Yale uses a residential college housing system modeled after those at Oxford and Cambridge. Each of 12 residential colleges houses a representative cross-section of the undergraduate student body, and features facilities, seminars, resident faculty, and support personnel.
Yale's graduate programs include those in the Graduate School of Arts and Sciences — covering 53 disciplines in the Humanities, Social Sciences, Biological Sciences, Physical Sciences and Engineering — and those in the Professional Schools of Architecture, Art, Divinity, Drama, Forestry & Environmental Sciences, Law, Management, Medicine, Music, Nursing, and Public Health.
Yale and Harvard have been rivals in almost everything for most of their history, notably academics, rowing and American football.[5]
Yale president Richard C. Levin summarized the university's institutional priorities for its fourth century: "First, among the nation's finest research universities, Yale is distinctively committed to excellence in undergraduate education. Second, in our graduate and professional schools, as well as in Yale College, we are committed to the education of leaders."[6]
The nicknames "Elis"[7][8][9] (after Elihu Yale) and "Yalies"[10] are often used, both within and outside Yale, to refer to Yale students.
Yale traces its beginnings to "An Act for Liberty to Erect a Collegiate School" passed by the General Court of the Colony of Connecticut and dated October 9 1701. Soon thereafter, a group of ten Congregationalist ministers led by James Pierpont, all of whom were Harvard alumni (Harvard having been the only college in North America when they were school-aged), met in Branford, Connecticut, to pool their books to form the school's first library.[11] The group is now known as "The Founders." Yale was founded to train ministers.

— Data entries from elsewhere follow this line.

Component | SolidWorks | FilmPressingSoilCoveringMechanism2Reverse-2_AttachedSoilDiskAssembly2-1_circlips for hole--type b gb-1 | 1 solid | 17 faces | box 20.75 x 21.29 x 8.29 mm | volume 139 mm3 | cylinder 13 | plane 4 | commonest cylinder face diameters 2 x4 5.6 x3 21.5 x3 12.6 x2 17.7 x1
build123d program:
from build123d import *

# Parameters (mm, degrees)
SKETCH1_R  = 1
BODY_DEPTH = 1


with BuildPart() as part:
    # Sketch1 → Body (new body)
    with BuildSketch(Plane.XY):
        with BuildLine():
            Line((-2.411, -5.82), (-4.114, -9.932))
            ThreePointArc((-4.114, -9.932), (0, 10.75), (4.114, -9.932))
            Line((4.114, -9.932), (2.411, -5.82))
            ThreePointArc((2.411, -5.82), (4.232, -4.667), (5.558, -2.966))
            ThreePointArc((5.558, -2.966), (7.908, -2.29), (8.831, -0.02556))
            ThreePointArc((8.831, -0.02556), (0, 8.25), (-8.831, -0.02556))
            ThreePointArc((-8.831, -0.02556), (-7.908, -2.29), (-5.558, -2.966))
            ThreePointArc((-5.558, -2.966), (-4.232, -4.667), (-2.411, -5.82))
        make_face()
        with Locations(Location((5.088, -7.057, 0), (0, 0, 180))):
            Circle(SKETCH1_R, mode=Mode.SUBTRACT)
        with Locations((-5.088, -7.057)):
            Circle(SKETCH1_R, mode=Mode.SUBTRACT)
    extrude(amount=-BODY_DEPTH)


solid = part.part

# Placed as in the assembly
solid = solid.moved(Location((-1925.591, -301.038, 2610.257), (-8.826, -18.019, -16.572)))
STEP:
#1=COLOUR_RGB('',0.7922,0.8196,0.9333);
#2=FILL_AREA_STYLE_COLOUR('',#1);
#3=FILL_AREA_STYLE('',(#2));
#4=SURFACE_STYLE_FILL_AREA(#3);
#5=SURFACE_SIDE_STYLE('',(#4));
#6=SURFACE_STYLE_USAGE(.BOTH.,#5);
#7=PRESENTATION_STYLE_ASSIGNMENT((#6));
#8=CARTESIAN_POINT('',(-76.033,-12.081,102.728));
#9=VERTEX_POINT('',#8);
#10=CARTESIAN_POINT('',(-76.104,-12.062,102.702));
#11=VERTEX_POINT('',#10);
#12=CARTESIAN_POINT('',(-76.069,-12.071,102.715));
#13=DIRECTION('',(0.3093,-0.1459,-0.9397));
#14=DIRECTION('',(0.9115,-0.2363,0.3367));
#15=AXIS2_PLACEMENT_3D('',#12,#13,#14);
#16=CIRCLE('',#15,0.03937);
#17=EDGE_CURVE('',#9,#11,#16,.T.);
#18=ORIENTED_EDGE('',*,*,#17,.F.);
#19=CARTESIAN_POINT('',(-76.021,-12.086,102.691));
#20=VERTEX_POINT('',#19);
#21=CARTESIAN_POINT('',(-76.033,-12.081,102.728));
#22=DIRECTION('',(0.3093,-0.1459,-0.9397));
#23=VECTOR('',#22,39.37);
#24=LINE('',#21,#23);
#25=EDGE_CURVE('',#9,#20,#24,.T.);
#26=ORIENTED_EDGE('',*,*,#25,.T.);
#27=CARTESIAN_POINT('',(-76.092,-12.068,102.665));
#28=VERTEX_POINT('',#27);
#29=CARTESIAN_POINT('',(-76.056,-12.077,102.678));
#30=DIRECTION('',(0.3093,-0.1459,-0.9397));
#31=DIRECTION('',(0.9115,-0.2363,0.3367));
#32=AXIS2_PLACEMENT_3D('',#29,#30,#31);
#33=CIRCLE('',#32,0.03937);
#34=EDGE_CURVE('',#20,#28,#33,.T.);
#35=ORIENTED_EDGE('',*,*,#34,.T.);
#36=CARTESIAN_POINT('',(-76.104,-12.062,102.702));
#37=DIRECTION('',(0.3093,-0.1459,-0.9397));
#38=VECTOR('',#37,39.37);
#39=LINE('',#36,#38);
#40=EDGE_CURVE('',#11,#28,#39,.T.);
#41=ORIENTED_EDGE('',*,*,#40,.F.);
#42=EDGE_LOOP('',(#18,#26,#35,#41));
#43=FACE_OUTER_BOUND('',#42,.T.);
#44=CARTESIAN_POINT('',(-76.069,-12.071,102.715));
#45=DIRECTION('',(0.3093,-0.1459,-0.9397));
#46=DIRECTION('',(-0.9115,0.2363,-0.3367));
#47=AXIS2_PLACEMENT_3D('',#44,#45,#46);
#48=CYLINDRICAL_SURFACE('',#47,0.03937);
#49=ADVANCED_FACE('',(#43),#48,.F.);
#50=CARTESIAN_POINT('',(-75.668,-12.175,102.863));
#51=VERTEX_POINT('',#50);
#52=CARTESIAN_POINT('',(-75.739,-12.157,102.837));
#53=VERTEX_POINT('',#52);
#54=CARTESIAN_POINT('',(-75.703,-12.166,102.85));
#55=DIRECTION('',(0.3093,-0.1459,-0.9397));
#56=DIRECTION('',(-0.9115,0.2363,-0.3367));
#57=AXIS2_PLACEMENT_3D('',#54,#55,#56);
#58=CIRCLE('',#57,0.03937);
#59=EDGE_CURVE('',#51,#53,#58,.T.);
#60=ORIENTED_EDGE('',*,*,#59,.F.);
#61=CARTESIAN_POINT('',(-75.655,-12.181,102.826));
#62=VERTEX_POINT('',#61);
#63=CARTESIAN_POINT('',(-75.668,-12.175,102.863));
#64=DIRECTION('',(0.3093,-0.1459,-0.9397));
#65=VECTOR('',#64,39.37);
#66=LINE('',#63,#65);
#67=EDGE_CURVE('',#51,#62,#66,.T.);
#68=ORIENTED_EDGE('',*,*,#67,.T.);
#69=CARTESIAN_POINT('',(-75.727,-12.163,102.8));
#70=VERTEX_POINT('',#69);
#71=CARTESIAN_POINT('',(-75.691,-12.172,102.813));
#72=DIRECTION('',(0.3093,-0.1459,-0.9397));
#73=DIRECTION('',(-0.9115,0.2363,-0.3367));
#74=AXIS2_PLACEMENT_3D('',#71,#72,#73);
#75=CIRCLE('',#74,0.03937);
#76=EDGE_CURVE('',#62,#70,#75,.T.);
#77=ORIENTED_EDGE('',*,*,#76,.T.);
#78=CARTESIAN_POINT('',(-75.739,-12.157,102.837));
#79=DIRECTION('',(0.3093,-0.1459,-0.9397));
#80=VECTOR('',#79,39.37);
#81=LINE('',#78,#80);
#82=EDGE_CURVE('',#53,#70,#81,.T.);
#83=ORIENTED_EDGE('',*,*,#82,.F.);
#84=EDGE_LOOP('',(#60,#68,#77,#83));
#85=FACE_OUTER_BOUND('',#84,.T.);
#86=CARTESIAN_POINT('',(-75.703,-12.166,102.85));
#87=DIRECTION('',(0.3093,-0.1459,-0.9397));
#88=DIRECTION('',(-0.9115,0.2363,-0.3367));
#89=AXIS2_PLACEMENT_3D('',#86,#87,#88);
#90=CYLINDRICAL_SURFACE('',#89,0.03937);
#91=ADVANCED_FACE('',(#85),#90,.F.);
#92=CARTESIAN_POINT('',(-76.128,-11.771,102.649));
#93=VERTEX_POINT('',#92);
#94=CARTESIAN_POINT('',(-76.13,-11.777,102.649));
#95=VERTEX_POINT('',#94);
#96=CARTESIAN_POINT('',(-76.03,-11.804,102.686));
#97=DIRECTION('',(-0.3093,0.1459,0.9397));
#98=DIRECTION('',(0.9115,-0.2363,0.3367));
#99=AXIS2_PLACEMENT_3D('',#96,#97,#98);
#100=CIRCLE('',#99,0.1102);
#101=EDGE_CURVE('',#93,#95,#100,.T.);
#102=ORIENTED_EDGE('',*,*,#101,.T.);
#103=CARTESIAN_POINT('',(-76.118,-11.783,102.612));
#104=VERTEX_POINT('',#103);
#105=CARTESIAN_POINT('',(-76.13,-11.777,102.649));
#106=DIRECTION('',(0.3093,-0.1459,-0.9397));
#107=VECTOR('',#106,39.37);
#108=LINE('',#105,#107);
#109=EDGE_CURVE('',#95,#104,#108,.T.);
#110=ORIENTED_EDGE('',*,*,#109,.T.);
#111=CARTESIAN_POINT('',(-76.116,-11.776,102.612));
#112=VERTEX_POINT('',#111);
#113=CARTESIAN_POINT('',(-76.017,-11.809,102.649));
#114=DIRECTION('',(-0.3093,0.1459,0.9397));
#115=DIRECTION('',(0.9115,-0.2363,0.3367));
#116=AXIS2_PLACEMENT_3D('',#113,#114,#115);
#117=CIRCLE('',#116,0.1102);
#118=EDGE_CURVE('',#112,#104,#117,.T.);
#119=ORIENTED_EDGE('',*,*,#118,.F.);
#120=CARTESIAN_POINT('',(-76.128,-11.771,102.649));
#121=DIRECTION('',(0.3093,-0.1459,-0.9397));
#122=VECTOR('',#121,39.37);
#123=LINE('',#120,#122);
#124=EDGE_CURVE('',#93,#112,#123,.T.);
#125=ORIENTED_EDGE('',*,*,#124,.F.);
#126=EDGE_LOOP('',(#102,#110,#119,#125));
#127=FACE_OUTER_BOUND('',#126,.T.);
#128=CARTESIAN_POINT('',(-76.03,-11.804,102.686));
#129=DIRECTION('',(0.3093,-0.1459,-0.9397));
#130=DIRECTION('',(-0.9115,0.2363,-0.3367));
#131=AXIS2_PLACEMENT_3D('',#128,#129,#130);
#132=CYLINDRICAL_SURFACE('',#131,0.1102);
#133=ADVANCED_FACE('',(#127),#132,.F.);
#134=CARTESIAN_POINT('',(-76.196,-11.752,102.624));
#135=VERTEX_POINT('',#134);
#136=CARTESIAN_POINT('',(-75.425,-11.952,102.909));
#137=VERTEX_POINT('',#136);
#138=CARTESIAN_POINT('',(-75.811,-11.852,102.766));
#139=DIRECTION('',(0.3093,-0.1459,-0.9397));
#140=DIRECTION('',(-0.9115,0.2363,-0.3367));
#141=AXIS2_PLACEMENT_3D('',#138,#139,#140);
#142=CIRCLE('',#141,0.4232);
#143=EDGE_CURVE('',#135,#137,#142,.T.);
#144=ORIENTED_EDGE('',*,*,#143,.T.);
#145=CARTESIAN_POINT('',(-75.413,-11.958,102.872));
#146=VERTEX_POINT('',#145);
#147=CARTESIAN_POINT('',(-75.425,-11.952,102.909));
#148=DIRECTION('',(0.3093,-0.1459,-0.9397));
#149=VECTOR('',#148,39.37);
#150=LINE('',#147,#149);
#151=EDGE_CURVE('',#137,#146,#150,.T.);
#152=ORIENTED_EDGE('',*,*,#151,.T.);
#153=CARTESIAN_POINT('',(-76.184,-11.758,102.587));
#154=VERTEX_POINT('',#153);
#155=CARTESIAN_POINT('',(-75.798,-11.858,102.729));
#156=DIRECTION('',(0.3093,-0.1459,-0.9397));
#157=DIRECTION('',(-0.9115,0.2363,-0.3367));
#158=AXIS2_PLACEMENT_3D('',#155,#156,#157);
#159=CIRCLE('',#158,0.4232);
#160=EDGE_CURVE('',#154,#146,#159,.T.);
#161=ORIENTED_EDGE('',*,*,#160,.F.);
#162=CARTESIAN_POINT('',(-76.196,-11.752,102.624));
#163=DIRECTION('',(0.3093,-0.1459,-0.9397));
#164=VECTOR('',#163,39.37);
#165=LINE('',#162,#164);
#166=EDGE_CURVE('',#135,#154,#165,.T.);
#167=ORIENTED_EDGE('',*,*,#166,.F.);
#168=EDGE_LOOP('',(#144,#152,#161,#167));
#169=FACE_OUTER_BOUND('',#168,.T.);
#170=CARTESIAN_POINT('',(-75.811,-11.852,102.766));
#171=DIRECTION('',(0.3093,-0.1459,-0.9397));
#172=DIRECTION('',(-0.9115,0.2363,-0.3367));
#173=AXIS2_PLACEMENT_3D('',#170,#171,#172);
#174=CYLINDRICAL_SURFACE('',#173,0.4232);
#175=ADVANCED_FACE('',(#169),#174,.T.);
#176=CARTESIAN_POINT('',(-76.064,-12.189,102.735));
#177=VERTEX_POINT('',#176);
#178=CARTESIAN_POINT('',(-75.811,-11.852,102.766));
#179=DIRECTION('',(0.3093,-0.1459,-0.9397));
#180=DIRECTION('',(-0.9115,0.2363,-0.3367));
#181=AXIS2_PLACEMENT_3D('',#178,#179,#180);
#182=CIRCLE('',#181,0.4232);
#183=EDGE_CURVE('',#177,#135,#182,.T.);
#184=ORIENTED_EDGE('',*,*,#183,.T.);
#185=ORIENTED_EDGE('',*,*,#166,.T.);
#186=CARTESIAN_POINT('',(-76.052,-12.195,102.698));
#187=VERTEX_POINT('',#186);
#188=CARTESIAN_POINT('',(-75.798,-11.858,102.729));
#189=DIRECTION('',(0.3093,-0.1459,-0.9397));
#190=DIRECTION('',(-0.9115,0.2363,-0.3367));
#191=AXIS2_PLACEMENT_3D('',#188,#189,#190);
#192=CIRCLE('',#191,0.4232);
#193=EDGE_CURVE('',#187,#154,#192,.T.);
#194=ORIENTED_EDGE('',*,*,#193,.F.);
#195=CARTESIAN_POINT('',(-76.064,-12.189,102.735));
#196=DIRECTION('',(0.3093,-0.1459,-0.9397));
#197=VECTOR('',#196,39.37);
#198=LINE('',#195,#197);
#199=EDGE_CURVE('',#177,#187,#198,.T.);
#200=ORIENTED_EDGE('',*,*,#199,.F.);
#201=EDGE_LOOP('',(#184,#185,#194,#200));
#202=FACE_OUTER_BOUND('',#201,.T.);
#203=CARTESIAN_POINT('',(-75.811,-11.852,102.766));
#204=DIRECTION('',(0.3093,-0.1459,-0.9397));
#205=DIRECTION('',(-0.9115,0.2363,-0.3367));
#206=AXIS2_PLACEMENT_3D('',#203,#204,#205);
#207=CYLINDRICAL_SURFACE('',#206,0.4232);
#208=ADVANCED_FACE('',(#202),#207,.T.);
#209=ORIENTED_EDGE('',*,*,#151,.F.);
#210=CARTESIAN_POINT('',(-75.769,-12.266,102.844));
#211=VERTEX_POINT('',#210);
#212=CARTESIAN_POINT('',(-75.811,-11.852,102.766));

Originally called the Collegiate School, the institution opened in the home of its first rector, Abraham Pierson, in Killingworth (now
Clinton). It later moved to Saybrook, and then
In the meanwhile, a rift was forming at Harvard between its sixth president Increase Mather (Harvard A.B., 1656) and the rest of the Harvard clergy, which Mather viewed as increasingly liberal, ecclesiastically lax, and overly broad in Church polity. The relationship worsened after Mather resigned, and the administration repeatedly rejected his son and ideological colleague, Cotton Mather (Harvard A.B., 1678), for the position of the Harvard presidency. The feud caused the Mathers to champion the success of the Collegiate School in the hopes that it would maintain the Puritan religious orthodoxy in a way that Harvard had not.[12]
In 1718, at the behest of either Rector Andrew or Governor Gurdon Saltonstall, Cotton Mather contacted a successful businessman in Wales named Elihu Yale to ask him for financial help in constructing a new building for the college. Yale, who had made a fortune through trade while living in India as a representative of the East India Company, donated nine bales of goods, which were sold for more than £560, a substantial sum at the time. Yale also donated 417 books and a portrait of King George I. Cotton Mather suggested that the school change its name to Yale College in gratitude to its benefactor, and to increase the chances that he would give the college another large donation or bequest. Elihu Yale was away in India when the news of the school's name change reached his home in Wrexham, North Wales, a trip from which he never returned. And while he did ultimately leave his fortunes to the "Collegiate School within His Majesties Colony of Connecticot," the institution was never able to successfully lay claim to it.
Serious American students of theology and divinity, particularly in New England, regarded Hebrew as a classical language, along with Greek and Latin, and essential for study of the Old Testament in the original words. The Reverend Ezra Stiles, president of the College from 1778 to 1795, brought with him his interest in the Hebrew language as a vehicle for studying ancient Biblical texts in their original language (as was common in other schools), requiring all freshmen to study Hebrew (in contrast to Harvard, where only upperclassmen were required to study the language) and is responsible for the Hebrew words "Urim" and "Thummim" on the Yale seal. Stiles' greatest challenge occurred in July, 1779 when hostile British forces occupied New Haven and threatened to raze the College. Fortunately, Yale graduate Edmund Fanning, Secretary to the British General in command of the occupation, interceded and the College was saved. Fanning later was granted an honorary degree for his efforts.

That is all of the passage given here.